The face is more than a mask. It’s where your history shows. It’s where you learned to fake it. Every half-smile, every twitch of the eyes, every tightness in your jaw is a story you’ve been told about who you should be. Undoing the face means undoing the self you show the world—the version of you that plays nice, plays small, plays dead.
This is not about happiness. Radical Undoing isn’t therapy. It isn’t self-help. It won’t make you feel better. It will make you real.
Start with the breath—not the shallow kind that keeps you half-alive, but the deep, shaking kind that comes from your gut, from your spine, from somewhere ancient. Breathe until something starts to stir. Until your skin feels wrong and your hands start to twitch. That’s where the work begins.
Then open your eyes wide—wider. Hold them until they burn. Then squeeze them shut. Let them ache. Roll them. Tap your forehead. Wake up the parts of your brain that school, religion, and polite conversation tried to put to sleep. Look in the mirror. Hold your own gaze. Wait until you no longer recognise the person looking back.
Let your jaw move. Let your mouth stretch. Let the tongue reach, lips tremble, cheeks contort. Make faces you never let yourself make. Channel the ones you inherited—your mother’s tight smile, your father’s frown. Then tear them off. Become raw. Become strange. Become yours.
And then speak.
No script. No mantra. Just you. Whatever that means. Speak whatever comes. Let it out—nonsense, rage, sobbing, laughter, silence. This isn’t about catharsis. It’s about truth. It’s about facing the pieces of yourself you’ve been avoiding and letting them collide. Let it fall apart. You don’t need to put it back together.

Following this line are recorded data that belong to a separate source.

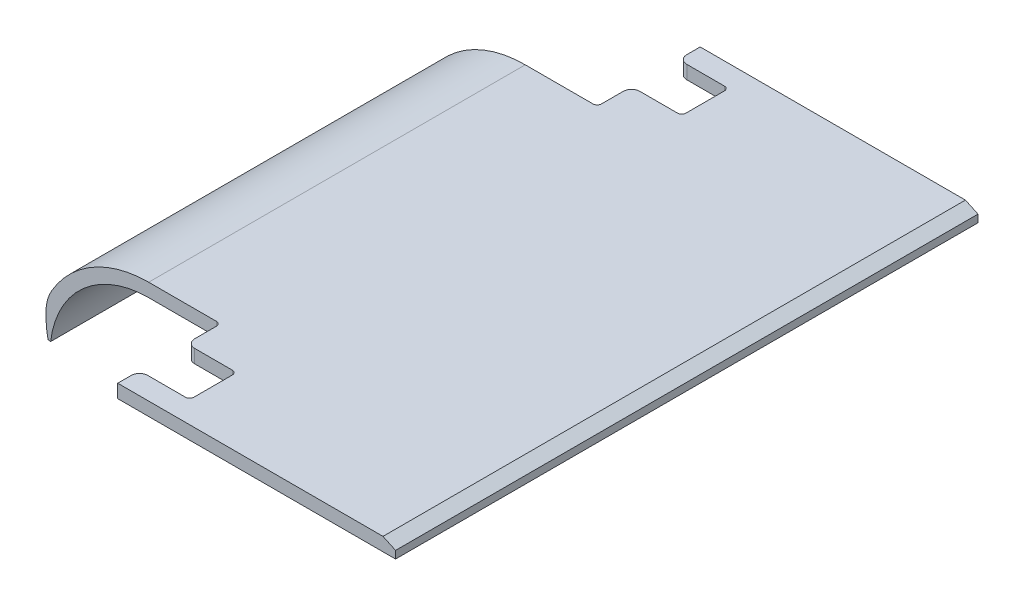
SolidWorks part; units mm, degrees
material "普通碳钢"
ref_plane "Front Plane" through (0, 0, 0) normal (0, 0, 1) x (1, 0, 0)
ref_plane "Top Plane" through (0, 0, 0) normal (0, 1, 0) x (1, 0, 0)
ref_plane "Right Plane" through (0, 0, 0) normal (1, 0, 0) x (0, 0, -1)
sketch "Sketch1" plane through (0, 0, 0) normal (0, 0, 1) x (1, 0, 0)
  line L0 (0, 0) -> (418, 0)
  line L1 (418, 0) -> (418, 9)
  line L2 (418, 9) -> (403, 16)
  line L3 (0, -66) -> (0, 66) construction
  line L4 (-117.1665, -104) -> (-133.0535, -102.1017)
  line L5 (0, 16) -> (403, 16)
  arc A0 (0, 16) -> (-133.0535, -102.1017) centre (0, -118) ccw
  arc A1 (0, 0) -> (-117.1665, -104) centre (0, -118) ccw
  arc A3 (0, 16) -> (-133.0535, -102.1017) centre (0, -118) ccw construction
  point P1 (304.9758, 15.801)
  point P3 (968.8866, -12.7147)
  point P4 (306.2556, 15.7461)
  point P9 (968.8866, -12.7147)
  point P12 (497.7056, -4000)
  point P15 (817.474, 3.2492)
  dimension "D3" = 15
  dimension "D1" = 9
  dimension "D4" = 118
  dimension "D2" = 16
  dimension "D5" = 418
  dimension "D6" = 104
extrude "Boss-Extrude1" add sketch "Sketch1" along normal mid plane 696
sketch "Sketch2" plane through (0, 0, 0) normal (0, 1, 0) x (1, 0, 0)
  line L0 (86, -256) -> (86, -230)
  line L2 (96, 322) -> (141, 322)
  line L3 (146, 317) -> (146, 271)
  line L4 (141, 266) -> (96, 266)
  line L5 (86, 256) -> (86, 230)
  line L6 (81, 225) -> (-133.0535, 225)
  line L7 (86, 332) -> (86, 348)
  line L8 (86, 348) -> (-133.0535, 348)
  line L9 (0, 348) -> (-133.0535, 348) construction
  line L10 (86, -332) -> (86, -348)
  line L11 (86, -348) -> (-133.0535, -348)
  line L12 (81, -225) -> (-133.0535, -225)
  line L13 (418, -348) -> (418, 348) construction
  line L14 (141, -266) -> (96, -266)
  line L15 (146, -317) -> (146, -271)
  line L16 (-133.0535, -348) -> (-133.0535, -225)
  line L17 (96, -322) -> (141, -322)
  line L20 (-133.0535, 348) -> (-133.0535, 225)
  line L21 (418, 0) -> (-96.7747, 0) construction
  line L22 (418, -348) -> (418, 348) construction
  line L23 (-133.0535, -348) -> (-133.0535, 348) construction
  arc A0 (96, 266) -> (86, 256) centre (96, 256) ccw
  arc A1 (96, 322) -> (86, 332) centre (96, 332) cw
  arc A2 (86, 230) -> (81, 225) centre (81, 230) cw
  arc A3 (141, 266) -> (146, 271) centre (141, 271) ccw
  arc A4 (146, 317) -> (141, 322) centre (141, 317) ccw
  arc A5 (86, -230) -> (81, -225) centre (81, -230) ccw
  arc A7 (146, -317) -> (141, -322) centre (141, -317) cw
  arc A8 (141, -266) -> (146, -271) centre (141, -271) cw
  arc A10 (96, -322) -> (86, -332) centre (96, -332) ccw
  arc A11 (96, -266) -> (86, -256) centre (96, -256) cw
  dimension "D3" = 10
  dimension "D4" = 5
  dimension "D5" = 644
  dimension "D1" = 450
  dimension "D8" = 10
  dimension "D2" = 532
  dimension "D6" = 332
  dimension "D7" = 60
extrude "Cut-Extrude1" cut sketch "Sketch2" against normal through all and the other way through all
sketch "Sketch3" plane through (0, 0, 225) normal (0, 0, 1) x (1, 0, 0)
  line L0 (0, -66) -> (0, 66) construction
  line L1 (81, 0) -> (0, 0) construction
  line L2 (-117.1665, -104) -> (-133.0535, -102.1017) construction
  line L3 (-120.3057, -103.6249) -> (-133.0535, -102.1017)
  arc A0 (-122.6947, -73.9145) -> (-120.3057, -103.6249) centre (0, -79) ccw
  arc A1 (0, 16) -> (-133.0535, -102.1017) centre (0, -118) ccw construction
  arc A2 (-116.0337, -50.9763) -> (-133.0535, -102.1017) centre (0, -118) ccw
  arc A3 (-116.0337, -50.9763) -> (-122.6947, -73.9145) centre (-72.7375, -75.9851) ccw
  point P8 (40.5, 0)
  dimension "D1" = 122.8
  dimension "D3" = 50
  dimension "D2" = 79
extrude "Cut-Extrude3" cut sketch "Sketch3" against normal through all
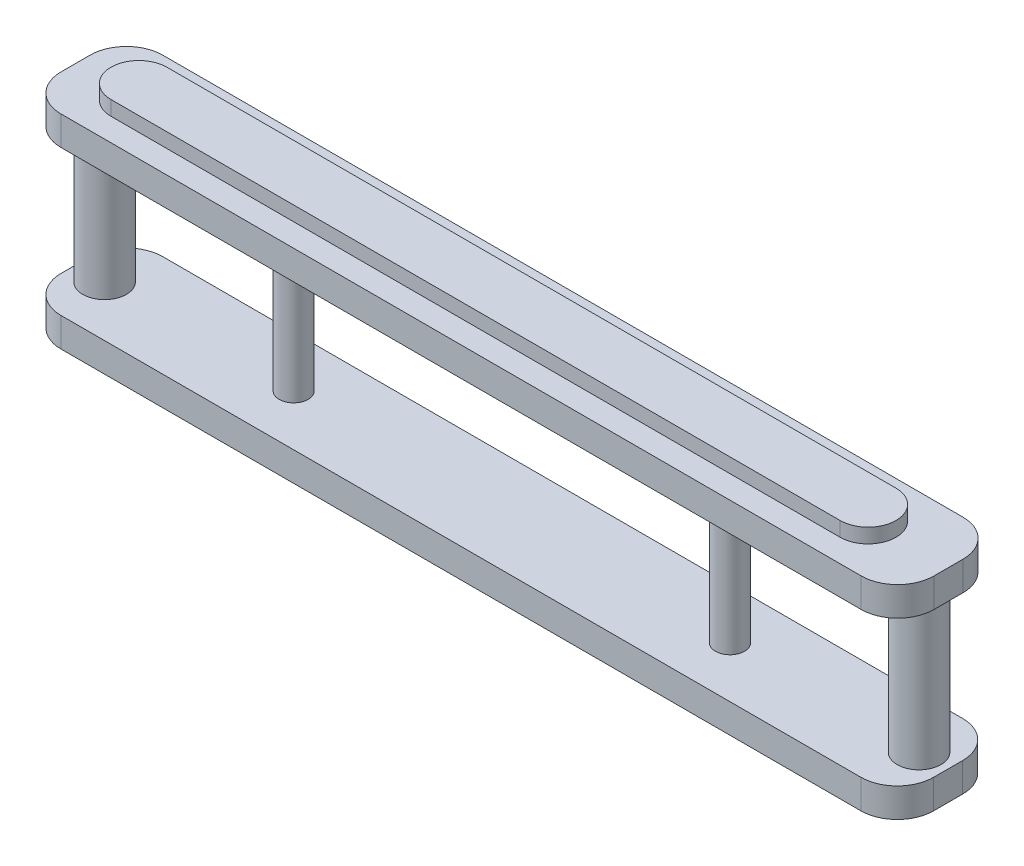
from build123d import *

# Parameters (mm, degrees)
SKETCH3_W           = 6000
SKETCH3_H           = 700
BOSS_EXTRUDE3_DEPTH = 200
SKETCH4_R           = 150
SKETCH4_R_2         = 100
BOSS_EXTRUDE4_DEPTH = 1000
SKETCH5_W           = 6002.219419971
SKETCH5_H           = 700
BOSS_EXTRUDE5_DEPTH = 200
FILLET1_R           = 250
BOSS_EXTRUDE6_DEPTH = 100


with BuildPart() as part:
    # Sketch3 → Boss-Extrude3 (new body)
    with BuildSketch(Plane(origin=(0, 0, 0), x_dir=(1, 0, 0), z_dir=(0, 1, 0))):
        Rectangle(SKETCH3_W, SKETCH3_H)
    extrude(amount=BOSS_EXTRUDE3_DEPTH)

    # Sketch4 → Boss-Extrude4 (add)
    with BuildSketch(Plane(origin=(0, 200, 0), x_dir=(1, 0, 0), z_dir=(0, 1, 0))):
        with Locations(Location((-2800, 0, 0), (0, 0, 270))):
            Circle(SKETCH4_R)
        with Locations(Location((2800, 0, 0), (0, 0, 270))):
            Circle(SKETCH4_R)
        with Locations(Location((-1500, 0, 0), (0, 0, 270))):
            Circle(SKETCH4_R_2)
        with Locations(Location((1500, 0, 0), (0, 0, 270))):
            Circle(SKETCH4_R_2)
    extrude(amount=BOSS_EXTRUDE4_DEPTH)

    # Sketch5 → Boss-Extrude5 (add)
    with BuildSketch(Plane(origin=(0, 1200, 0), x_dir=(1, 0, 0), z_dir=(0, 1, 0))):
        with Locations((1.109709986, 0)):
            Rectangle(SKETCH5_W, SKETCH5_H)
    extrude(amount=BOSS_EXTRUDE5_DEPTH)

    # Fillet1
    fillet1_edges = [part.edges().sort_by_distance(p)[0] for p in [
        (3002.219419971, 1300, -350),
        (-3000, 1300, -350),
        (-3000, 1300, 350),
        (3002.219419971, 1300, 350),
        (3000, 100, 350),
        (-3000, 100, 350),
        (-3000, 100, -350),
        (3000, 100, -350),
    ]]
    fillet(fillet1_edges, radius=FILLET1_R)

    # Sketch6 → Boss-Extrude6 (add)
    with BuildSketch(Plane.XZ):
        with BuildLine():
            Line((-2564.072960881, 192.302850828), (2449.537078564, 192.302850828))
            ThreePointArc((2449.537078564, 192.302850828), (2641.839929392, 0), (2449.537078564, -192.302850828))
            Line((2449.537078564, -192.302850828), (-2564.072960881, -192.302850828))
            ThreePointArc((-2564.072960881, -192.302850828), (-2756.375811709, 0), (-2564.072960881, 192.302850828))
        make_face()
    boss_extrude6 = extrude(amount=BOSS_EXTRUDE6_DEPTH)

    # Mirror1: Boss-Extrude6 across plane
    add(boss_extrude6.mirror(Plane.ZX.offset(700)))


solid = part.part
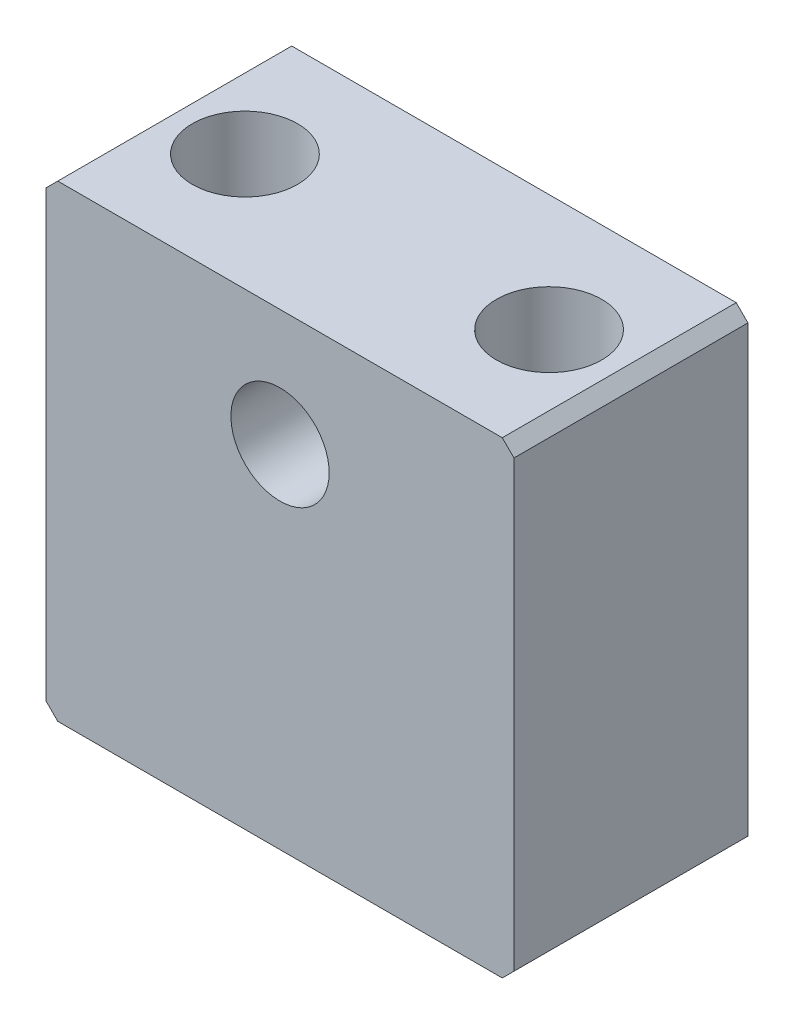
from build123d import *

# Parameters (mm, degrees)
SKETCH1_W            = 20
SKETCH1_H            = 10
BOSS_EXTRUDE1_DEPTH  = 10
M5_TAPPED_HOLE1_D    = 4.2
M4_CLEARANCE_HOLE1_D = 4.5
CHAMFER1_SIZE        = 0.5


with BuildPart() as part:
    # Sketch1 → Boss-Extrude1 (new, symmetric)
    with BuildSketch(Plane(origin=(0, 0, 0), x_dir=(1, 0, 0), z_dir=(0, 1, 0))):
        Rectangle(SKETCH1_W, SKETCH1_H)
    extrude(amount=BOSS_EXTRUDE1_DEPTH, both=True)

    # M5 Tapped Hole1 (through all)
    with Locations(Plane.XY.offset(5)):
        with Locations((0, 5)):
            Hole(M5_TAPPED_HOLE1_D / 2)

    # M4 Clearance Hole1 (through all)
    with Locations(Plane(origin=(0, 10, 0), x_dir=(1, 0, 0), z_dir=(0, 1, 0))):
        with Locations((6.5, 0), (-6.5, 0)):
            Hole(M4_CLEARANCE_HOLE1_D / 2)

    # Chamfer1
    chamfer1_edges = [part.edges().sort_by_distance(p)[0] for p in [
        (-10, 10, 0),
        (10, 10, 0),
        (-10, -10, 0),
        (10, -10, 0),
    ]]
    chamfer(chamfer1_edges, length=CHAMFER1_SIZE)


solid = part.part

Hyatt never promised transcendence. He promised demolition. What rises from that wreckage is yours—and only if you’re willing to face the collapse.
Radical Undoing is for people who are done being tamed. Who know that extinction wears a smile and speaks in calm tones. This work is for the strong, the wild, the ones at the edge. It’s a last ritual. A feral rite for those who want to become something else.
So start with your face. Start with your breath. Start now.
But know this: it’s going to hurt.
And if it doesn’t—you’re not doing it right.
After reading a few of your posts on Hyatt, I was curious and had a listen to one of his interviews just a few hours ago. I have been afflicted most of my life with jaw pain, TMJ, which I had surgery for over 20 years ago and which has recently become quite painful. I tried out some of his simple technique in releasing the face, neck, and jaw, and WOW! I know it is just a start, but that really helps and with a quickness. I have been on a journey for the last few years of deprogramming the mess which I have found myself in, and have been going about it in an intuitive fashion, picking through various methods and finding what feels right, and so far just having had come across this work, it resonates strongly. Thank you!